不知何時,三足金蟾掙脫禁錮,此時正趴在桌子上,盯著怪哉蟲。
而怪哉蟲毫不畏懼,豎起上半身,左右搖晃,打量著三足金蟾。
蟾蜍喜歡吃蚊蟲之類,三足金蟾雖是異類,但本能也是如此,肉乎乎的怪哉蟲,在三足金蟾眼裡,無疑是肥美的食物。
三足金蟾突然發動,張嘴吐出了分叉的長舌,與此同時,怪哉蟲高高躍起,恰到好處的避開,半空中不可思議一個轉折,撞中三足金蟾頭頂。
咕的一聲,三足金蟾閉眼縮脖,趴伏在桌子上,再也不動。
怪哉蟲一戰而勝,重新彈回高處,俯瞰三足金蟾,身子左右搖晃,非常得意。
李七夜見它能以小博大,也非常欣慰。
清風卻著急上前,將三足金蟾收了起來,又對怪哉蟲道“這是銀子,成堆的銀子,你可不能傷了它!”
怪哉蟲看了看清風,又轉過身去,留給清風一個肉呼呼的屁股。
清風假裝沒看到,轉身去安置吞氣金蟾,嘴裡呢喃低語。“你以後要乖乖的,可不要冒失跑出來,下次可沒有這麼好的運氣!”
李七夜笑道,“不生氣了?”
清風立即變臉,放下吞氣金蟾,坐在廊下生氣。到了晚上,餘怒未消,竟然沒有吃飯。“我看那薛磐龍,只是說的好聽,定是在旁邊偷看,見我將銀子都搬回屋子,這才出來討要。”
李七夜再次大笑。“我都忘了,你還記得。”
清風小聲嘟囔,“你又沒出力,當然忘得快,我胳膊到現在還很痠疼!”
這幾日公事少,李七夜仍舊習慣性熬夜。
之前熬夜,是忙於公事,或者研讀紀遷所著妖記,以及諸多妖精圖鑑之類。今晚熬夜,卻是閱讀那本記錄武功的圖冊。

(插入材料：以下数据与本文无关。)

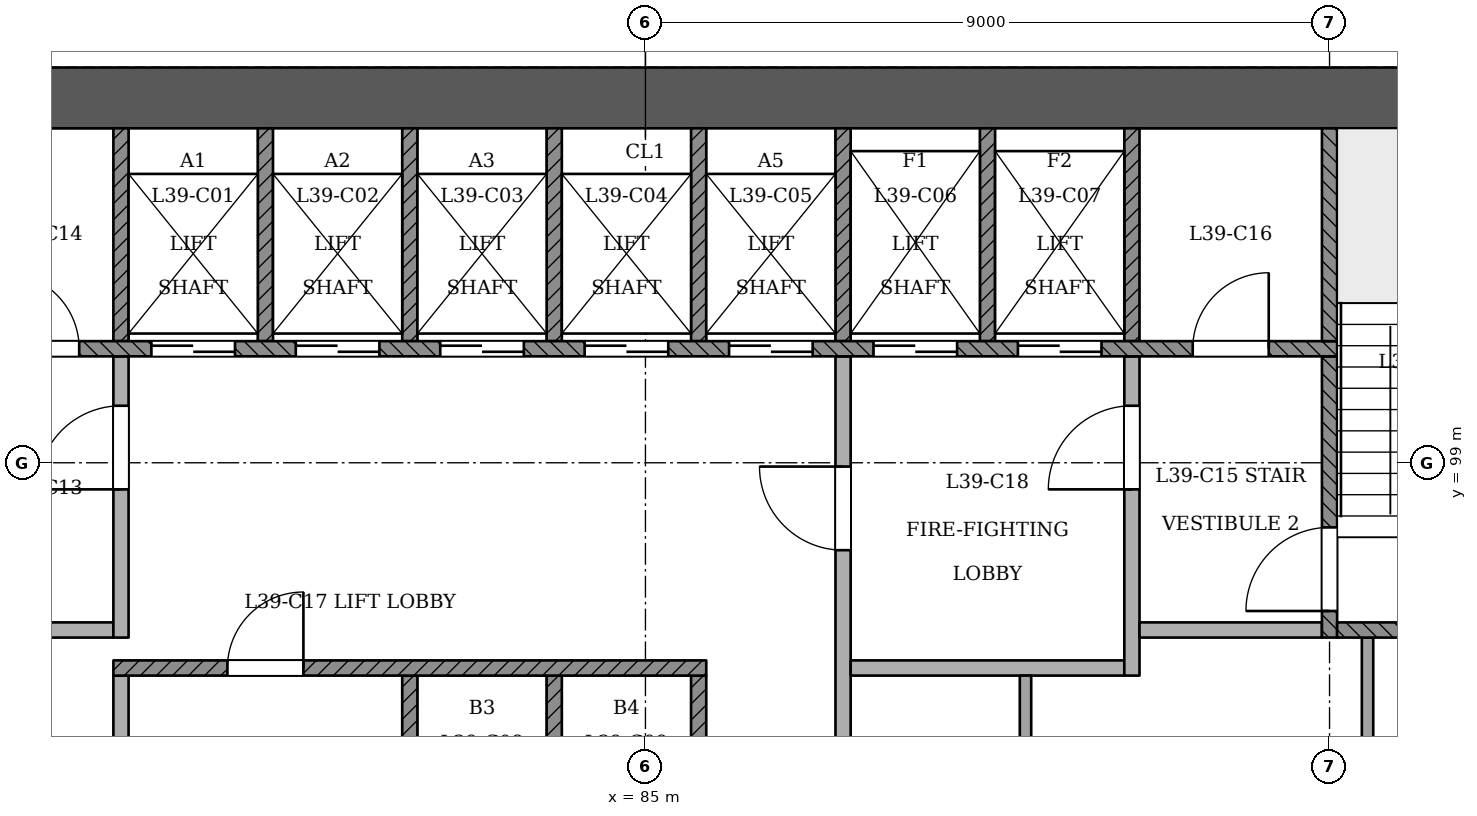
"""IFC4 building model, lengths in metres.
Left out: names, types, materials, properties, quantities, classifications, styles, units other than length and angle.
Written with IfcOpenShell. Run it as: python <this file> out.ifc"""

import sys

from ifc_helpers import new_model, si_unit, direction, frame, frame_2d, origin, place, context, subcontext, project, spatial, rectangle, extrude, element, fill, save


model = new_model("IFC4")
c1 = context("Model", 3, precision=1e-05, world=origin(), true_north=direction((0.0, 1.0)))
c2 = subcontext(c1, "Body", "Model", "MODEL_VIEW")
j1 = project(units=[si_unit("LENGTHUNIT", "METRE"), si_unit("PLANEANGLEUNIT", "RADIAN")], contexts=[c1])
p1 = place(None, origin())
s1 = spatial("IfcSite", under=j1, at=p1, CompositionType="ELEMENT")
p2 = place(p1, origin())
s2 = spatial("IfcBuilding", under=s1, at=p2, CompositionType="ELEMENT")
p3 = place(p2, frame((0.0, 0.0, 153.0)))
s3 = spatial("IfcBuildingStorey", under=s2, at=p3, CompositionType="ELEMENT", Elevation=153.0)
p4 = place(p3, frame((97.4, 103.8, 0.0), z_axis=(0.0, 0.0, 1.0), x_axis=(-1.0, 0.0, 0.0)))
e1 = element("IfcWall", 1, at=p4, inside=s3, PredefinedType="SHEAR", context=c2, shape_type="SweptSolid", body=[
    extrude(rectangle(XDim=25.2, YDim=0.8, at=frame_2d((12.6, 0.0))), origin(), (0.0, 0.0, 1.0), 3.6),
])
p5 = place(p3, frame((66.242, 97.188, 0.0), z_axis=(0.0, 0.0, 1.0), x_axis=(0.500002614046, -0.866023894559, 0.0)))
e2 = element("IfcWall", 2, at=p5, inside=s3, PredefinedType="PARTITIONING", context=c2, shape_type="SweptSolid", body=[
    extrude(rectangle(XDim=37.515, YDim=0.15, at=frame_2d((18.758, 0.0))), origin(), (0.0, 0.0, 1.0), 2.75),
])
p6 = place(p5, frame((2.8, 0.0, 0.0)))
e3 = element("IfcOpeningElement", 3, at=p6, cuts=e2, PredefinedType="OPENING", context=c2, shape_type="SweptSolid", body=[
    extrude(rectangle(XDim=1.2, YDim=2.1, at=frame_2d((0.6, 1.05))), frame((0.0, 0.085, 0.0), z_axis=(0.0, -1.0, 0.0), x_axis=(1.0, 0.0, 0.0)), (0.0, 0.0, 1.0), 0.171),
])
p7 = place(p5, frame((11.8, 0.0, 0.0)))
e4 = element("IfcOpeningElement", 4, at=p7, cuts=e2, PredefinedType="OPENING", context=c2, shape_type="SweptSolid", body=[
    extrude(rectangle(XDim=1.2, YDim=2.1, at=frame_2d((0.6, 1.05))), frame((0.0, 0.085, 0.0), z_axis=(0.0, -1.0, 0.0), x_axis=(1.0, 0.0, 0.0)), (0.0, 0.0, 1.0), 0.171),
])
p8 = place(p5, frame((24.15, 0.0, 0.0)))
e5 = element("IfcOpeningElement", 5, at=p8, cuts=e2, PredefinedType="OPENING", context=c2, shape_type="SweptSolid", body=[
    extrude(rectangle(XDim=1.2, YDim=2.1, at=frame_2d((0.6, 1.05))), frame((0.0, 0.085, 0.0), z_axis=(0.0, -1.0, 0.0), x_axis=(1.0, 0.0, 0.0)), (0.0, 0.0, 1.0), 0.171),
])
p9 = place(p5, frame((33.25, 0.0, 0.0)))
e6 = element("IfcOpeningElement", 6, at=p9, cuts=e2, PredefinedType="OPENING", context=c2, shape_type="SweptSolid", body=[
    extrude(rectangle(XDim=1.0, YDim=2.1, at=frame_2d((0.5, 1.05))), frame((0.0, 0.085, 0.0), z_axis=(0.0, -1.0, 0.0), x_axis=(1.0, 0.0, 0.0)), (0.0, 0.0, 1.0), 0.171),
])
p10 = place(p3, frame((85.065, 64.811, 0.0), z_axis=(0.0, 0.0, 1.0), x_axis=(0.500003399299, 0.866023441189, 0.0)))
e7 = element("IfcWall", 7, at=p10, inside=s3, PredefinedType="PARTITIONING", context=c2, shape_type="SweptSolid", body=[
    extrude(rectangle(XDim=37.385, YDim=0.15, at=frame_2d((18.693, 0.0))), origin(), (0.0, 0.0, 1.0), 2.75),
])
p11 = place(p10, frame((0.524, 0.0, 0.0)))
e8 = element("IfcOpeningElement", 8, at=p11, cuts=e7, PredefinedType="OPENING", context=c2, shape_type="SweptSolid", body=[
    extrude(rectangle(XDim=1.2, YDim=2.1, at=frame_2d((0.6, 1.05))), frame((0.0, 0.085, 0.0), z_axis=(0.0, -1.0, 0.0), x_axis=(1.0, 0.0, 0.0)), (0.0, 0.0, 1.0), 0.171),
])
p12 = place(p10, frame((12.036, 0.0, 0.0)))
e9 = element("IfcOpeningElement", 9, at=p12, cuts=e7, PredefinedType="OPENING", context=c2, shape_type="SweptSolid", body=[
    extrude(rectangle(XDim=1.2, YDim=2.1, at=frame_2d((0.6, 1.05))), frame((0.0, 0.085, 0.0), z_axis=(0.0, -1.0, 0.0), x_axis=(1.0, 0.0, 0.0)), (0.0, 0.0, 1.0), 0.171),
])
p13 = place(p10, frame((22.186, 0.0, 0.0)))
e10 = element("IfcOpeningElement", 10, at=p13, cuts=e7, PredefinedType="OPENING", context=c2, shape_type="SweptSolid", body=[
    extrude(rectangle(XDim=1.2, YDim=2.1, at=frame_2d((0.6, 1.05))), frame((0.0, 0.085, 0.0), z_axis=(0.0, -1.0, 0.0), x_axis=(1.0, 0.0, 0.0)), (0.0, 0.0, 1.0), 0.171),
])
p14 = place(p10, frame((31.186, 0.0, 0.0)))
e11 = element("IfcOpeningElement", 11, at=p14, cuts=e7, PredefinedType="OPENING", context=c2, shape_type="SweptSolid", body=[
    extrude(rectangle(XDim=1.2, YDim=2.1, at=frame_2d((0.6, 1.05))), frame((0.0, 0.085, 0.0), z_axis=(0.0, -1.0, 0.0), x_axis=(1.0, 0.0, 0.0)), (0.0, 0.0, 1.0), 0.171),
])
p15 = place(p3, frame((78.1, 93.4, 0.0), z_axis=(0.0, 0.0, 1.0), x_axis=(0.0, 1.0, 0.0)))
e12 = element("IfcWall", 12, at=p15, inside=s3, PredefinedType="PARTITIONING", context=c2, shape_type="SweptSolid", body=[
    extrude(rectangle(XDim=2.8, YDim=0.2, at=frame_2d((1.4, 0.0))), origin(), (0.0, 0.0, 1.0), 3.15),
])
for number, where, z_axis, x_axis in (
    (13, (81.9, 93.4, 0.0), (0.0, 0.0, 1.0), (0.0, 1.0, 0.0)),
    (14, (83.8, 93.4, 0.0), (0.0, 0.0, 1.0), (0.0, 1.0, 0.0)),
    (15, (85.7, 93.4, 0.0), (0.0, 0.0, 1.0), (0.0, 1.0, 0.0)),
):
    element("IfcWall", number, at=place(p3, frame(where, z_axis=z_axis, x_axis=x_axis)), inside=s3, PredefinedType="SOLIDWALL", context=c2, shape_type="SweptSolid", body=[
        extrude(rectangle(XDim=2.8, YDim=0.2, at=frame_2d((1.4, 0.0))), origin(), (0.0, 0.0, 1.0), 3.15),
    ])
p16 = place(p3, frame((87.6, 93.4, 0.0), z_axis=(0.0, 0.0, 1.0), x_axis=(0.0, 1.0, 0.0)))
e16 = element("IfcWall", 16, at=p16, inside=s3, PredefinedType="PARTITIONING", context=c2, shape_type="SweptSolid", body=[
    extrude(rectangle(XDim=7.0, YDim=0.2, at=frame_2d((3.5, 0.0))), origin(), (0.0, 0.0, 1.0), 3.15),
])
p17 = place(p16, frame((4.45, 0.0, 0.0)))
e17 = element("IfcOpeningElement", 17, at=p17, cuts=e16, PredefinedType="OPENING", context=c2, shape_type="SweptSolid", body=[
    extrude(rectangle(XDim=1.1, YDim=2.1, at=frame_2d((0.55, 1.05))), frame((0.0, 0.11, 0.0), z_axis=(0.0, -1.0, 0.0), x_axis=(1.0, 0.0, 0.0)), (0.0, 0.0, 1.0), 0.221),
])
p18 = place(p3, frame((90.0, 93.4, 0.0), z_axis=(0.0, 0.0, 1.0), x_axis=(0.0, 1.0, 0.0)))
e18 = element("IfcWall", 18, at=p18, inside=s3, PredefinedType="PARTITIONING", context=c2, shape_type="SweptSolid", body=[
    extrude(rectangle(XDim=2.8, YDim=0.15, at=frame_2d((1.4, 0.0))), origin(), (0.0, 0.0, 1.0), 3.15),
])
p19 = place(p3, frame((94.5, 93.4, 0.0), z_axis=(0.0, 0.0, 1.0), x_axis=(0.0, 1.0, 0.0)))
e19 = element("IfcWall", 19, at=p19, inside=s3, PredefinedType="PARTITIONING", context=c2, shape_type="SweptSolid", body=[
    extrude(rectangle(XDim=3.3, YDim=0.15, at=frame_2d((1.65, 0.0))), origin(), (0.0, 0.0, 1.0), 3.15),
])
p20 = place(p3, frame((78.0, 96.3, 0.0), z_axis=(0.0, 0.0, 1.0), x_axis=(1.0, 0.0, 0.0)))
e20 = element("IfcWall", 20, at=p20, inside=s3, PredefinedType="SOLIDWALL", context=c2, shape_type="SweptSolid", body=[
    extrude(rectangle(XDim=7.8, YDim=0.2, at=frame_2d((3.9, 0.0))), origin(), (0.0, 0.0, 1.0), 3.15),
])
p21 = place(p20, frame((1.5, 0.0, 0.0)))
e21 = element("IfcOpeningElement", 21, at=p21, cuts=e20, PredefinedType="OPENING", context=c2, shape_type="SweptSolid", body=[
    extrude(rectangle(XDim=1.0, YDim=2.1, at=frame_2d((0.5, 1.05))), frame((0.0, 0.11, 0.0), z_axis=(0.0, -1.0, 0.0), x_axis=(1.0, 0.0, 0.0)), (0.0, 0.0, 1.0), 0.221),
])
p22 = place(p3, frame((87.7, 96.3, 0.0), z_axis=(0.0, 0.0, 1.0), x_axis=(1.0, 0.0, 0.0)))
e22 = element("IfcWall", 22, at=p22, inside=s3, PredefinedType="PARTITIONING", context=c2, shape_type="SweptSolid", body=[
    extrude(rectangle(XDim=3.6, YDim=0.2, at=frame_2d((1.8, 0.0))), origin(), (0.0, 0.0, 1.0), 3.15),
])
p23 = place(p3, frame((91.4, 96.2, 0.0), z_axis=(0.0, 0.0, 1.0), x_axis=(0.0, 1.0, 0.0)))
e23 = element("IfcWall", 23, at=p23, inside=s3, PredefinedType="PARTITIONING", context=c2, shape_type="SweptSolid", body=[
    extrude(rectangle(XDim=4.2, YDim=0.2, at=frame_2d((2.1, 0.0))), origin(), (0.0, 0.0, 1.0), 3.15),
])
p24 = place(p23, frame((2.45, 0.0, 0.0)))
e24 = element("IfcOpeningElement", 24, at=p24, cuts=e23, PredefinedType="OPENING", context=c2, shape_type="SweptSolid", body=[
    extrude(rectangle(XDim=1.1, YDim=2.1, at=frame_2d((0.55, 1.05))), frame((0.0, 0.11, 0.0), z_axis=(0.0, -1.0, 0.0), x_axis=(1.0, 0.0, 0.0)), (0.0, 0.0, 1.0), 0.221),
])
p25 = place(p3, frame((76.1, 96.8, 0.0), z_axis=(0.0, 0.0, 1.0), x_axis=(1.0, 0.0, 0.0)))
e25 = element("IfcWall", 25, at=p25, inside=s3, PredefinedType="PARTITIONING", context=c2, shape_type="SweptSolid", body=[
    extrude(rectangle(XDim=1.9, YDim=0.2, at=frame_2d((0.95, 0.0))), origin(), (0.0, 0.0, 1.0), 3.15),
])
p26 = place(p3, frame((78.1, 96.7, 0.0), z_axis=(0.0, 0.0, 1.0), x_axis=(0.0, 1.0, 0.0)))
e26 = element("IfcWall", 26, at=p26, inside=s3, PredefinedType="PARTITIONING", context=c2, shape_type="SweptSolid", body=[
    extrude(rectangle(XDim=3.7, YDim=0.2, at=frame_2d((1.85, 0.0))), origin(), (0.0, 0.0, 1.0), 3.15),
])
p27 = place(p26, frame((1.95, 0.0, 0.0)))
e27 = element("IfcOpeningElement", 27, at=p27, cuts=e26, PredefinedType="OPENING", context=c2, shape_type="SweptSolid", body=[
    extrude(rectangle(XDim=1.1, YDim=2.1, at=frame_2d((0.55, 1.05))), frame((0.0, 0.11, 0.0), z_axis=(0.0, -1.0, 0.0), x_axis=(1.0, 0.0, 0.0)), (0.0, 0.0, 1.0), 0.221),
])
p28 = place(p3, frame((91.5, 96.8, 0.0), z_axis=(0.0, 0.0, 1.0), x_axis=(1.0, 0.0, 0.0)))
e28 = element("IfcWall", 28, at=p28, inside=s3, PredefinedType="PARTITIONING", context=c2, shape_type="SweptSolid", body=[
    extrude(rectangle(XDim=2.4, YDim=0.2, at=frame_2d((1.2, 0.0))), origin(), (0.0, 0.0, 1.0), 3.15),
])
p29 = place(p3, frame((94.0, 96.7, 0.0), z_axis=(0.0, 0.0, 1.0), x_axis=(0.0, 1.0, 0.0)))
e29 = element("IfcWall", 29, at=p29, inside=s3, PredefinedType="SOLIDWALL", context=c2, shape_type="SweptSolid", body=[
    extrude(rectangle(XDim=3.7, YDim=0.2, at=frame_2d((1.85, 0.0))), origin(), (0.0, 0.0, 1.0), 3.15),
])
p30 = place(p29, frame((0.35, 0.0, 0.0)))
e30 = element("IfcOpeningElement", 30, at=p30, cuts=e29, PredefinedType="OPENING", context=c2, shape_type="SweptSolid", body=[
    extrude(rectangle(XDim=1.1, YDim=2.1, at=frame_2d((0.55, 1.05))), frame((0.0, 0.11, 0.0), z_axis=(0.0, -1.0, 0.0), x_axis=(1.0, 0.0, 0.0)), (0.0, 0.0, 1.0), 0.221),
])
p31 = place(p3, frame((94.1, 96.8, 0.0), z_axis=(0.0, 0.0, 1.0), x_axis=(1.0, 0.0, 0.0)))
e31 = element("IfcWall", 31, at=p31, inside=s3, PredefinedType="SOLIDWALL", context=c2, shape_type="SweptSolid", body=[
    extrude(rectangle(XDim=2.9, YDim=0.2, at=frame_2d((1.45, 0.0))), origin(), (0.0, 0.0, 1.0), 3.15),
])
p32 = place(p3, frame((75.9, 100.5, 0.0), z_axis=(0.0, 0.0, 1.0), x_axis=(1.0, 0.0, 0.0)))
e32 = element("IfcWall", 32, at=p32, inside=s3, PredefinedType="SOLIDWALL", context=c2, shape_type="SweptSolid", body=[
    extrude(rectangle(XDim=18.2, YDim=0.2, at=frame_2d((9.1, 0.0))), origin(), (0.0, 0.0, 1.0), 3.15),
])
p33 = place(p32, frame((2.6, 0.0, 0.0)))
e33 = element("IfcOpeningElement", 33, at=p33, cuts=e32, PredefinedType="OPENING", context=c2, shape_type="SweptSolid", body=[
    extrude(rectangle(XDim=1.1, YDim=2.1, at=frame_2d((0.55, 1.05))), frame((0.0, 0.11, 0.0), z_axis=(0.0, -1.0, 0.0), x_axis=(1.0, 0.0, 0.0)), (0.0, 0.0, 1.0), 0.221),
])
p34 = place(p32, frame((4.5, 0.0, 0.0)))
e34 = element("IfcOpeningElement", 34, at=p34, cuts=e32, PredefinedType="OPENING", context=c2, shape_type="SweptSolid", body=[
    extrude(rectangle(XDim=1.1, YDim=2.1, at=frame_2d((0.55, 1.05))), frame((0.0, 0.11, 0.0), z_axis=(0.0, -1.0, 0.0), x_axis=(1.0, 0.0, 0.0)), (0.0, 0.0, 1.0), 0.221),
])
p35 = place(p32, frame((6.4, 0.0, 0.0)))
e35 = element("IfcOpeningElement", 35, at=p35, cuts=e32, PredefinedType="OPENING", context=c2, shape_type="SweptSolid", body=[
    extrude(rectangle(XDim=1.1, YDim=2.1, at=frame_2d((0.55, 1.05))), frame((0.0, 0.11, 0.0), z_axis=(0.0, -1.0, 0.0), x_axis=(1.0, 0.0, 0.0)), (0.0, 0.0, 1.0), 0.221),
])
p36 = place(p32, frame((8.3, 0.0, 0.0)))
e36 = element("IfcOpeningElement", 36, at=p36, cuts=e32, PredefinedType="OPENING", context=c2, shape_type="SweptSolid", body=[
    extrude(rectangle(XDim=1.1, YDim=2.1, at=frame_2d((0.55, 1.05))), frame((0.0, 0.11, 0.0), z_axis=(0.0, -1.0, 0.0), x_axis=(1.0, 0.0, 0.0)), (0.0, 0.0, 1.0), 0.221),
])
p37 = place(p32, frame((10.2, 0.0, 0.0)))
e37 = element("IfcOpeningElement", 37, at=p37, cuts=e32, PredefinedType="OPENING", context=c2, shape_type="SweptSolid", body=[
    extrude(rectangle(XDim=1.1, YDim=2.1, at=frame_2d((0.55, 1.05))), frame((0.0, 0.11, 0.0), z_axis=(0.0, -1.0, 0.0), x_axis=(1.0, 0.0, 0.0)), (0.0, 0.0, 1.0), 0.221),
])
p38 = place(p32, frame((12.1, 0.0, 0.0)))
e38 = element("IfcOpeningElement", 38, at=p38, cuts=e32, PredefinedType="OPENING", context=c2, shape_type="SweptSolid", body=[
    extrude(rectangle(XDim=1.1, YDim=2.1, at=frame_2d((0.55, 1.05))), frame((0.0, 0.11, 0.0), z_axis=(0.0, -1.0, 0.0), x_axis=(1.0, 0.0, 0.0)), (0.0, 0.0, 1.0), 0.221),
])
p39 = place(p32, frame((14.0, 0.0, 0.0)))
e39 = element("IfcOpeningElement", 39, at=p39, cuts=e32, PredefinedType="OPENING", context=c2, shape_type="SweptSolid", body=[
    extrude(rectangle(XDim=1.1, YDim=2.1, at=frame_2d((0.55, 1.05))), frame((0.0, 0.11, 0.0), z_axis=(0.0, -1.0, 0.0), x_axis=(1.0, 0.0, 0.0)), (0.0, 0.0, 1.0), 0.221),
])
p40 = place(p32, frame((0.65, 0.0, 0.0)))
e40 = element("IfcOpeningElement", 40, at=p40, cuts=e32, PredefinedType="OPENING", context=c2, shape_type="SweptSolid", body=[
    extrude(rectangle(XDim=1.0, YDim=2.1, at=frame_2d((0.5, 1.05))), frame((0.0, 0.11, 0.0), z_axis=(0.0, -1.0, 0.0), x_axis=(1.0, 0.0, 0.0)), (0.0, 0.0, 1.0), 0.221),
])
p41 = place(p32, frame((16.3, 0.0, 0.0)))
e41 = element("IfcOpeningElement", 41, at=p41, cuts=e32, PredefinedType="OPENING", context=c2, shape_type="SweptSolid", body=[
    extrude(rectangle(XDim=1.0, YDim=2.1, at=frame_2d((0.5, 1.05))), frame((0.0, 0.11, 0.0), z_axis=(0.0, -1.0, 0.0), x_axis=(1.0, 0.0, 0.0)), (0.0, 0.0, 1.0), 0.221),
])
for number, where, z_axis, x_axis in (
    (42, (78.1, 100.6, 0.0), (0.0, 0.0, 1.0), (0.0, 1.0, 0.0)),
    (43, (80.0, 100.6, 0.0), (0.0, 0.0, 1.0), (0.0, 1.0, 0.0)),
    (44, (81.9, 100.6, 0.0), (0.0, 0.0, 1.0), (0.0, 1.0, 0.0)),
    (45, (83.8, 100.6, 0.0), (0.0, 0.0, 1.0), (0.0, 1.0, 0.0)),
    (46, (85.7, 100.6, 0.0), (0.0, 0.0, 1.0), (0.0, 1.0, 0.0)),
    (47, (87.6, 100.6, 0.0), (0.0, 0.0, 1.0), (0.0, 1.0, 0.0)),
    (48, (89.5, 100.6, 0.0), (0.0, 0.0, 1.0), (0.0, 1.0, 0.0)),
    (49, (91.4, 100.6, 0.0), (0.0, 0.0, 1.0), (0.0, 1.0, 0.0)),
    (50, (94.0, 100.6, 0.0), (0.0, 0.0, 1.0), (0.0, 1.0, 0.0)),
):
    element("IfcWall", number, at=place(p3, frame(where, z_axis=z_axis, x_axis=x_axis)), inside=s3, PredefinedType="SOLIDWALL", context=c2, shape_type="SweptSolid", body=[
        extrude(rectangle(XDim=2.8, YDim=0.2, at=frame_2d((1.4, 0.0))), origin(), (0.0, 0.0, 1.0), 3.15),
    ])
p42 = place(p33, origin())
e51 = element("IfcDoor", 51, at=p42, inside=s3, OperationType="SLIDING_TO_RIGHT", PredefinedType="NOTDEFINED", context=c2, shape_type="SweptSolid", body=[
    extrude(rectangle(XDim=1.1, YDim=2.1, at=frame_2d((0.55, 1.05))), frame((0.0, 0.025, 0.0), z_axis=(0.0, -1.0, 0.0), x_axis=(1.0, 0.0, 0.0)), (0.0, 0.0, 1.0), 0.05),
])
fill(e33, e51)
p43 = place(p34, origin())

清風沒有吃晚飯,肚子飢餓,卻沒耽誤他睡覺,睡夢中不住傻笑,應當是做了好夢。
依舊是怪哉蟲與李七夜相伴讀書。
怪哉蟲現在讀書速度,比之前快了很多,應該是突破了瓶頸,到了一瀉千里的時刻,而李七夜仍舊是看的一頭霧水。沒人指點,當真不成。
未到三更,李七夜便掩卷而起,回看怪哉蟲,卻依舊看的非常入神。
次日醒來,依舊無事,李七夜在院中,揮舞冰魄劍,依舊不得要領,只揮舞了幾下,就腰腿乏力,氣喘吁吁。清風站在簷下,低聲道,“大人如此,還不如去請教白先生。”
李七夜沉吟不語,過了好久,才道,“你說的不錯,如此下去,不僅荒廢時日,也對不起這把寶劍。你去買些禮物,咱們去拜訪白先生。”
清風一躍而起,在前面引路。李七夜將冰魄劍裝入劍匣,雙手環抱,又帶了怪哉蟲,這才出門。臨出門時,清風低聲道,“老爺,那三足金蟾,要不要帶上?要是被人偷走,豈不是白白丟了很多銀子?”
李七夜笑道,“那等喪氣之物,人們避之不及,誰會來偷?被人偷去,倒是免災了。”清風便不再說話。
白子曰宅子,在京城東南,依山傍水,前後重疊,一眼不見盡頭。
李七夜暗暗點頭,修道極其耗費銀子,白子曰能有今日成就,自身努力天賦,不可或缺,但家中有錢,也起了極大作用。
門口小童子,謙和有禮,見到李七夜到來,笑著說道,“家主已經吩咐下來,今日有來自西北,李姓貴客登門,想必就是您了。”主僕兩人,面面相覷,原來一切,都在白子曰掌控之中。
李七夜辦所在妖司,位置在白家西北,白先生這話一點不錯。
李七夜跟隨進門,白子曰已經二門迎接,星冠羽衣,白底靸鞋,飄飄若仙。他向李七夜拱手笑道,“李兄莫非是來問金蟾之事?這買主,我可是為你找好了。”